Merlín la miró y sonrió. Una sonrisa pequeña y melancólica. Bruna quiso hablar con él, quiso dar la vuelta y regresar a la sala. Pero ya se habían puesto en movimiento, ya todo era imparable y era muy rápido. Bruna descendía volando hacia la ciudad y Merlín se iba quedando rezagado, Merlín era un peso muerto tirando de ella. La rep apretó la mano de su amante, apretó y apretó para no soltarse de él, para no separarse. Pero el hombre flotaba como un globo de helio y se quedaba atrás, haciendo que su brazo se estirara dolorosamente.

¡Nonononono! gritó la androide, sintiendo que se le escapaba.

En su desesperación por no perderle le clavó las uñas en el dorso, pero las sudorosas manos fueron resbalando y, de pronto, ya no se tocaban. Merlín, con las extremidades extendidas en el aire como una estrella, ascendía hacia el cielo negro e inacabable y desaparecía al fin a la deriva entre las sombras del nunca jamás.

Bruna se sentó de golpe en la cama. Estaba empapada de sudor y jadeaba, porque el terror de la pesadilla todavía le aplastaba los pulmones.

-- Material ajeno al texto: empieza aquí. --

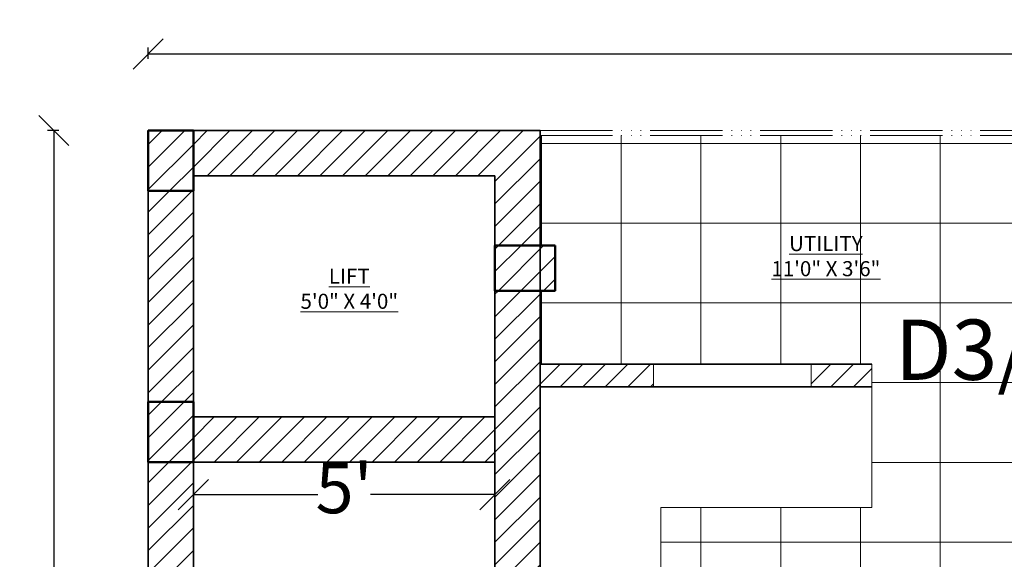
# Model space of a CAD drawing. Units: inches. Extents: x 2036 to 2670, y 319 to 920.
# Tile 4 of 15: x 2055 to 2251, y 790 to 898. Entities that reach past the tile are written whole.
import ezdxf

# ---------------------------------------------------------------- set-up
doc = ezdxf.new("R2010")
doc.units = ezdxf.units.IN
doc.linetypes.add('ACAD_ISO06W100', pattern=[36, 24, -3, 0, -3, 0, -3, 0, -3])
for name, color, linetype, lineweight in [('A-ANNO-DIMS', 2, 'Continuous', 18), ('A-ANNO-TEXT', 7, 'Continuous', 18), ('A-AREA-IDEN', 7, 'Continuous', 18), ('A-CASE', 7, 'Continuous', 18), ('A-COLS', 7, 'Continuous', 50), ('A-FLOR-EDGE', 5, 'ACAD_ISO06W100', 13), ('A-FLOR-PATT', 8, 'Continuous', 9), ('A-GLAZ', 4, 'Continuous', 18), ('A-WALL', 7, 'Continuous', 35)]:
    doc.layers.add(name, color=color, linetype=linetype, lineweight=lineweight)
doc.layers.add('A-COLS-PATT', color=240, linetype='Continuous', lineweight=13, true_color=0xed1f24)
doc.layers.add('A-WALL-PATT', color=52, linetype='Continuous', lineweight=13, true_color=0xc8c92d)
doc.styles.get("Standard").update_dxf_attribs({"font": 'arial.ttf'})
doc.dimstyles.new('ISO-25', dxfattribs={"dimtxt": 10, "dimasz": 6, "dimexe": 1.25, "dimexo": 0.625, "dimtad": 0, "dimdec": 1, "dimlunit": 3, "dimtxsty": 'Standard', "dimblk": 'OBLIQUE', "dimcen": 2.5, "dimclrd": 94, "dimclre": 94, "dimclrt": 1, "dimadec": 0, "dimazin": 0, "dimtfac": 1, "dimtdec": 1, "dimtmove": 0, "dimatfit": 3, "dimfxl": 1, "dimfxlon": 1, "dimarcsym": 0})

# ---------------------------------------------------------------- blocks, each defined once
blk = doc.blocks.new('_Oblique')
at = {"color": 0, "linetype": 'ByBlock', "lineweight": -2}
blk.add_line((-0.5, -0.5), (0.5, 0.5), dxfattribs=at)
blk = doc.blocks.new('*D10')
at = {"layer": 'A-ANNO-DIMS', "color": 0, "lineweight": -2, "transparency": 16777216}
for p, q in [((2080.74, 889.93), (2080.74, 892.18)), ((2612.74, 889.93), (2612.74, 892.18)), ((2080.74, 890.93), (2328.73, 890.93)), ((2612.74, 890.93), (2364.74, 890.93))]:
    blk.add_line(p, q, dxfattribs=at)
at = {"layer": 'Defpoints', "color": 0, "transparency": 16777216}
for p in [(2612.74, 890.93), (2080.74, 875.68), (2612.74, 875.68)]:
    blk.add_point(p, dxfattribs=at)
at = {"layer": 'A-ANNO-DIMS', "color": 0, "lineweight": -2, "transparency": 16777216, "xscale": 6, "yscale": 6, "zscale": 6, "rotation": 180}
blk.add_blockref('_Oblique', (2080.74, 890.93), dxfattribs=at)
at = {"layer": 'A-ANNO-DIMS', "color": 0, "lineweight": -2, "transparency": 16777216, "xscale": 6, "yscale": 6, "zscale": 6}
blk.add_blockref('_Oblique', (2612.74, 890.93), dxfattribs=at)
at = {"layer": 'A-ANNO-DIMS', "color": 0, "transparency": 16777216, "insert": (2346.74, 890.93), "char_height": 10, "attachment_point": 5}
blk.add_mtext('44\'-4"', dxfattribs=at)
blk = doc.blocks.new('*D13')
at = {"layer": 'A-ANNO-DIMS', "color": 0, "lineweight": -2, "transparency": 16777216}
for p, q in [((2062.98, 875.68), (2060.73, 875.68)), ((2061.98, 875.68), (2061.98, 687.98)), ((2061.98, 464.68), (2061.98, 652.39)), ((2062.98, 464.68), (2060.73, 464.68))]:
    blk.add_line(p, q, dxfattribs=at)
at = {"layer": 'Defpoints', "color": 0, "transparency": 16777216}
for p in [(2080.74, 875.68), (2061.98, 464.68), (2080.74, 464.68)]:
    blk.add_point(p, dxfattribs=at)
at = {"layer": 'A-ANNO-DIMS', "color": 0, "lineweight": -2, "transparency": 16777216, "xscale": 6, "yscale": 6, "zscale": 6}
for p, rotation in [((2061.98, 875.68), 90), ((2061.98, 464.68), 270)]:
    blk.add_blockref('_Oblique', p, dxfattribs=dict(at, rotation=rotation))
at = {"layer": 'A-ANNO-DIMS', "color": 0, "transparency": 16777216, "insert": (2061.98, 670.18), "char_height": 10, "attachment_point": 5, "rotation": 90}
blk.add_mtext('34\'-3"', dxfattribs=at)
blk = doc.blocks.new('*D14')
at = {"layer": 'A-ANNO-DIMS', "color": 0, "lineweight": -2, "transparency": 16777216}
for p, q in [((2089.74, 804.21), (2089.74, 801.96)), ((2149.74, 804.21), (2149.74, 801.96)), ((2089.74, 803.21), (2114.51, 803.21)), ((2149.74, 803.21), (2124.96, 803.21))]:
    blk.add_line(p, q, dxfattribs=at)
at = {"layer": 'Defpoints', "color": 0, "transparency": 16777216}
for p in [(2089.74, 809.68), (2149.74, 809.68), (2149.74, 803.21)]:
    blk.add_point(p, dxfattribs=at)
at = {"layer": 'A-ANNO-DIMS', "color": 0, "lineweight": -2, "transparency": 16777216, "xscale": 6, "yscale": 6, "zscale": 6, "rotation": 180}
blk.add_blockref('_Oblique', (2089.74, 803.21), dxfattribs=at)
at = {"layer": 'A-ANNO-DIMS', "color": 0, "lineweight": -2, "transparency": 16777216, "xscale": 6, "yscale": 6, "zscale": 6}
blk.add_blockref('_Oblique', (2149.74, 803.21), dxfattribs=at)
at = {"layer": 'A-ANNO-DIMS', "color": 0, "transparency": 16777216, "insert": (2119.74, 803.21), "char_height": 10, "attachment_point": 5}
blk.add_mtext("5'", dxfattribs=at)
blk = doc.blocks.new('COL-9x12')
blk.add_lwpolyline([(9, 0), (0, 0), (0, 12), (9, 12)], close=True)
blk = doc.blocks.new('*D58')
at = {"layer": 'A-ANNO-DIMS', "color": 94, "lineweight": -2, "transparency": 16777216}
for p, q in [((2224.74, 436.33), (2224.74, 434.08)), ((2224.74, 435.33), (2270.11, 435.33)), ((2270.11, 436.33), (2270.11, 434.08)), ((2270.11, 435.33), (2276.11, 435.33))]:
    blk.add_line(p, q, dxfattribs=at)
at = {"layer": 'Defpoints', "color": 0, "transparency": 16777216}
for p in [(2224.74, 824.68), (2270.11, 824.68), (2270.11, 435.33)]:
    blk.add_point(p, dxfattribs=at)
at = {"layer": 'A-ANNO-DIMS', "color": 94, "lineweight": -2, "transparency": 16777216, "xscale": 6, "yscale": 6, "zscale": 6, "rotation": 180}
blk.add_blockref('_Oblique', (2224.74, 435.33), dxfattribs=at)
at = {"layer": 'A-ANNO-DIMS', "color": 94, "lineweight": -2, "transparency": 16777216, "xscale": 6, "yscale": 6, "zscale": 6}
blk.add_blockref('_Oblique', (2270.11, 435.33), dxfattribs=at)
at = {"layer": 'A-ANNO-DIMS', "color": 1, "transparency": 16777216, "insert": (2301.68, 435.33), "char_height": 10, "attachment_point": 5}
blk.add_mtext('3\'-9 1/2"', dxfattribs=at)

msp = doc.modelspace()

# ---------------------------------------------------------------- hatches: boundary and pattern name
at = {"layer": 'A-COLS-PATT'}
h = msp.add_hatch(dxfattribs=at)
h.set_pattern_fill('ANSI31', color=256)
h.paths.add_polyline_path([(2089.74, 875.68), (2080.74, 875.68), (2080.74, 863.68), (2089.74, 863.68)])
h.paths.add_polyline_path([(2089.74, 821.68), (2080.74, 821.68), (2080.74, 809.68), (2089.74, 809.68)])
h.paths.add_polyline_path([(2089.74, 624.2), (2080.74, 624.2), (2080.74, 612.2), (2089.74, 612.2)])
h.paths.add_polyline_path([(2158.74, 506.68), (2149.74, 506.68), (2149.74, 494.68), (2158.74, 494.68)])
h.paths.add_polyline_path([(2158.74, 617.33), (2149.74, 617.33), (2149.74, 605.33), (2158.74, 605.33)])
h.paths.add_polyline_path([(2158.74, 736.18), (2149.74, 736.18), (2149.74, 724.18), (2158.74, 724.18)])
h.paths.add_polyline_path([(2158.74, 852.81), (2149.74, 852.81), (2149.74, 843.81), (2158.74, 843.81)])
h.paths.add_polyline_path([(2161.74, 852.81), (2158.74, 852.81), (2158.74, 843.81), (2161.74, 843.81)])
h.paths.add_polyline_path([(2295.21, 857.66), (2290.74, 857.66), (2290.74, 848.68), (2295.21, 848.68)])
h.paths.add_polyline_path([(2290.74, 857.66), (2283.21, 857.66), (2283.21, 848.66), (2290.74, 848.66)])
h.paths.add_polyline_path([(2443.62, 857.68), (2431.62, 857.68), (2431.62, 848.68), (2443.62, 848.68)])
h.paths.add_polyline_path([(2561.81, 857.68), (2549.81, 857.68), (2549.81, 848.68), (2561.81, 848.68)])
h.paths.add_polyline_path([(2295.24, 737.65), (2290.74, 737.65), (2290.74, 728.68), (2295.24, 728.68)])
h.paths.add_polyline_path([(2309.27, 612.12), (2297.27, 612.12), (2297.27, 603.12), (2309.27, 603.12)])
h.paths.add_polyline_path([(2282.24, 503.68), (2270.24, 503.68), (2270.24, 494.68), (2282.24, 494.68)])
h.paths.add_polyline_path([(2431.74, 746.09), (2427.24, 746.09), (2427.24, 737.09), (2431.74, 737.09)])
h.paths.add_polyline_path([(2439.24, 746.09), (2431.74, 746.09), (2431.74, 737.09), (2439.24, 737.09)])
h.paths.add_polyline_path([(2596.59, 736.59), (2584.59, 736.59), (2584.59, 727.59), (2596.59, 727.59)])
h.paths.add_polyline_path([(2586.39, 623.71), (2574.39, 623.71), (2574.39, 619.18), (2586.39, 619.18)])
h.paths.add_polyline_path([(2586.39, 619.18), (2574.39, 619.18), (2574.39, 614.71), (2586.39, 614.71)])
h.paths.add_polyline_path([(2438.74, 623.68), (2431.24, 623.68), (2431.24, 619.18), (2438.74, 619.18)])
h.paths.add_polyline_path([(2438.74, 619.18), (2431.24, 619.18), (2431.24, 614.68), (2438.74, 614.68)])
h.paths.add_polyline_path([(2431.24, 623.68), (2426.74, 623.68), (2426.74, 614.68), (2431.24, 614.68), (2431.24, 619.18)])
h.paths.add_polyline_path([(2527.24, 503.68), (2515.24, 503.68), (2515.24, 494.68), (2527.24, 494.68)])
h.paths.add_polyline_path([(2590.31, 503.68), (2578.31, 503.68), (2578.31, 494.68), (2590.31, 494.68)])
at = {"layer": 'A-FLOR-PATT'}
h = msp.add_hatch(dxfattribs=at)
h.set_pattern_fill('ANSI31', color=256, scale=5, angle=135)
h.paths.add_polyline_path([(2290.74, 659.68), (2158.74, 659.68), (2158.74, 582.53), (2158.74, 545.51), (2158.74, 503.68), (2426.74, 503.68), (2426.74, 614.68), (2426.74, 623.68), (2426.74, 628.18), (2431.24, 628.18), (2431.24, 623.68), (2438.74, 623.68), (2438.74, 619.18), (2574.39, 619.18), (2574.39, 623.71), (2586.39, 623.71), (2586.39, 619.18), (2603.74, 619.18), (2603.74, 824.68), (2431.74, 824.68), (2431.74, 746.09), (2439.24, 746.09), (2439.24, 737.09), (2431.74, 737.09), (2431.74, 659.68), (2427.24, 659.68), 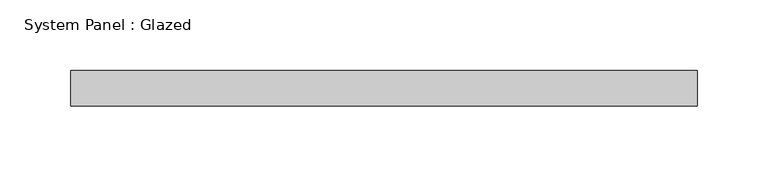
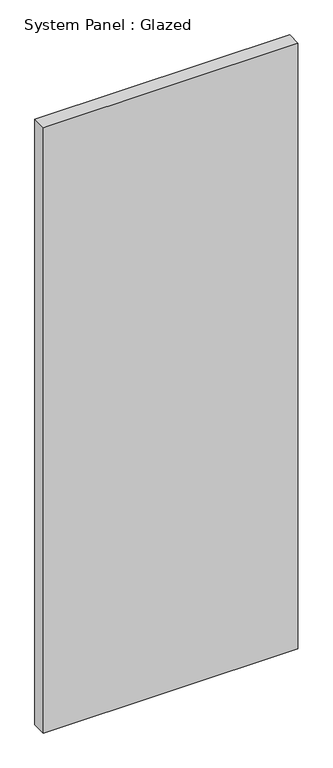
"""IFC4 building model written with IfcOpenShell, lengths in millimetres: plate geometry, System Panel : Glazed."""

from ifc_helpers import new_model, si_unit, origin, origin_with_axes, place, context, project, spatial, polyline, outline, extrude, source, transform, mapped, element, save


def system_panel_glazed_a23f7966(model_context):
    return source(origin(), model_context, "Body", "SweptSolid", [
        extrude(outline(polyline([(222.25, 19.05), (-222.25, 19.05), (-222.25, 44.45), (222.25, 44.45), (222.25, 19.05)])), origin_with_axes(), (0.0, 0.0, 1.0), 1117.6),
    ])


if __name__ == "__main__":
    model = new_model("IFC4")
    model_context = context("Model", 3, world=origin())
    ifc_project = project(units=[si_unit("LENGTHUNIT", "METRE", prefix="MILLI")], contexts=[model_context])
    site = spatial("IfcSite", under=ifc_project)
    building = spatial("IfcBuilding", under=site)
    placement = place(None, origin())
    system_panel_glazed_shape = system_panel_glazed_a23f7966(model_context)
    element("IfcPlate", 1, ObjectType="System Panel : Glazed", at=placement, inside=building, context=model_context, shape_type="MappedRepresentation", body=[
        mapped(system_panel_glazed_shape, transform((0.0, 0.0, 0.0), x_axis=(1.0, 0.0, 0.0), y_axis=(0.0, 1.0, 0.0), z_axis=(0.0, 0.0, 1.0))),
    ])
    save(model, "model.ifc")

# Revit data of these elements
# Type "System Panel : Glazed"
#   Construction Type Id = "GSP4R"
#   Analytic Construction = "1/8 in Pilkington single glazing"
#   Visual Light Transmittance = 0.9
#   Solar Heat Gain Coefficient = 0.86
#   Heat Transfer Coefficient (U) = 1.18115 BTU/(h·ft²·°F)
#   Define Thermal Properties by = 1
# Element 1 (IfcPlate, "System Panel : Glazed")
#   Materials on its faces: "Glass"
# Materials
#   "Glass": class "Glass", colour RGB 0 128 192, transparency 0.75, Description = "Soda Lime Glass", Cost = 0

Miró la hora proyectada en el techo: 03:35. Del jueves. No, del viernes. Del 28 de enero de 2109. A una semana del final del mundo, según los apocalípticos. Cuatro años, tres meses y catorce días.

Gimió quedamente porque el dolor la estaba matando. El dolor de la ausencia de Merlín, el dolor del recuerdo de su dolor. Si la gente viera morir a los demás de modo habitual, si la gente fuera consciente de lo que cuesta morirse, perdería la fe en la vida. Bruna tensó las mandíbulas y rechinó los dientes. Basta, pensó. Se levantó de un salto, se puso el viejo equipo de deporte de la milicia y salió del apartamento a desfogarse. Madrid estaba desierto, más solitario aún porque en la esquina ya no se encontraba apostado Maio: su presencia había sido tan constante que ahora parecía haber dejado un hueco en el paisaje. Pero el bicho se había quedado en el circo, con Mirari.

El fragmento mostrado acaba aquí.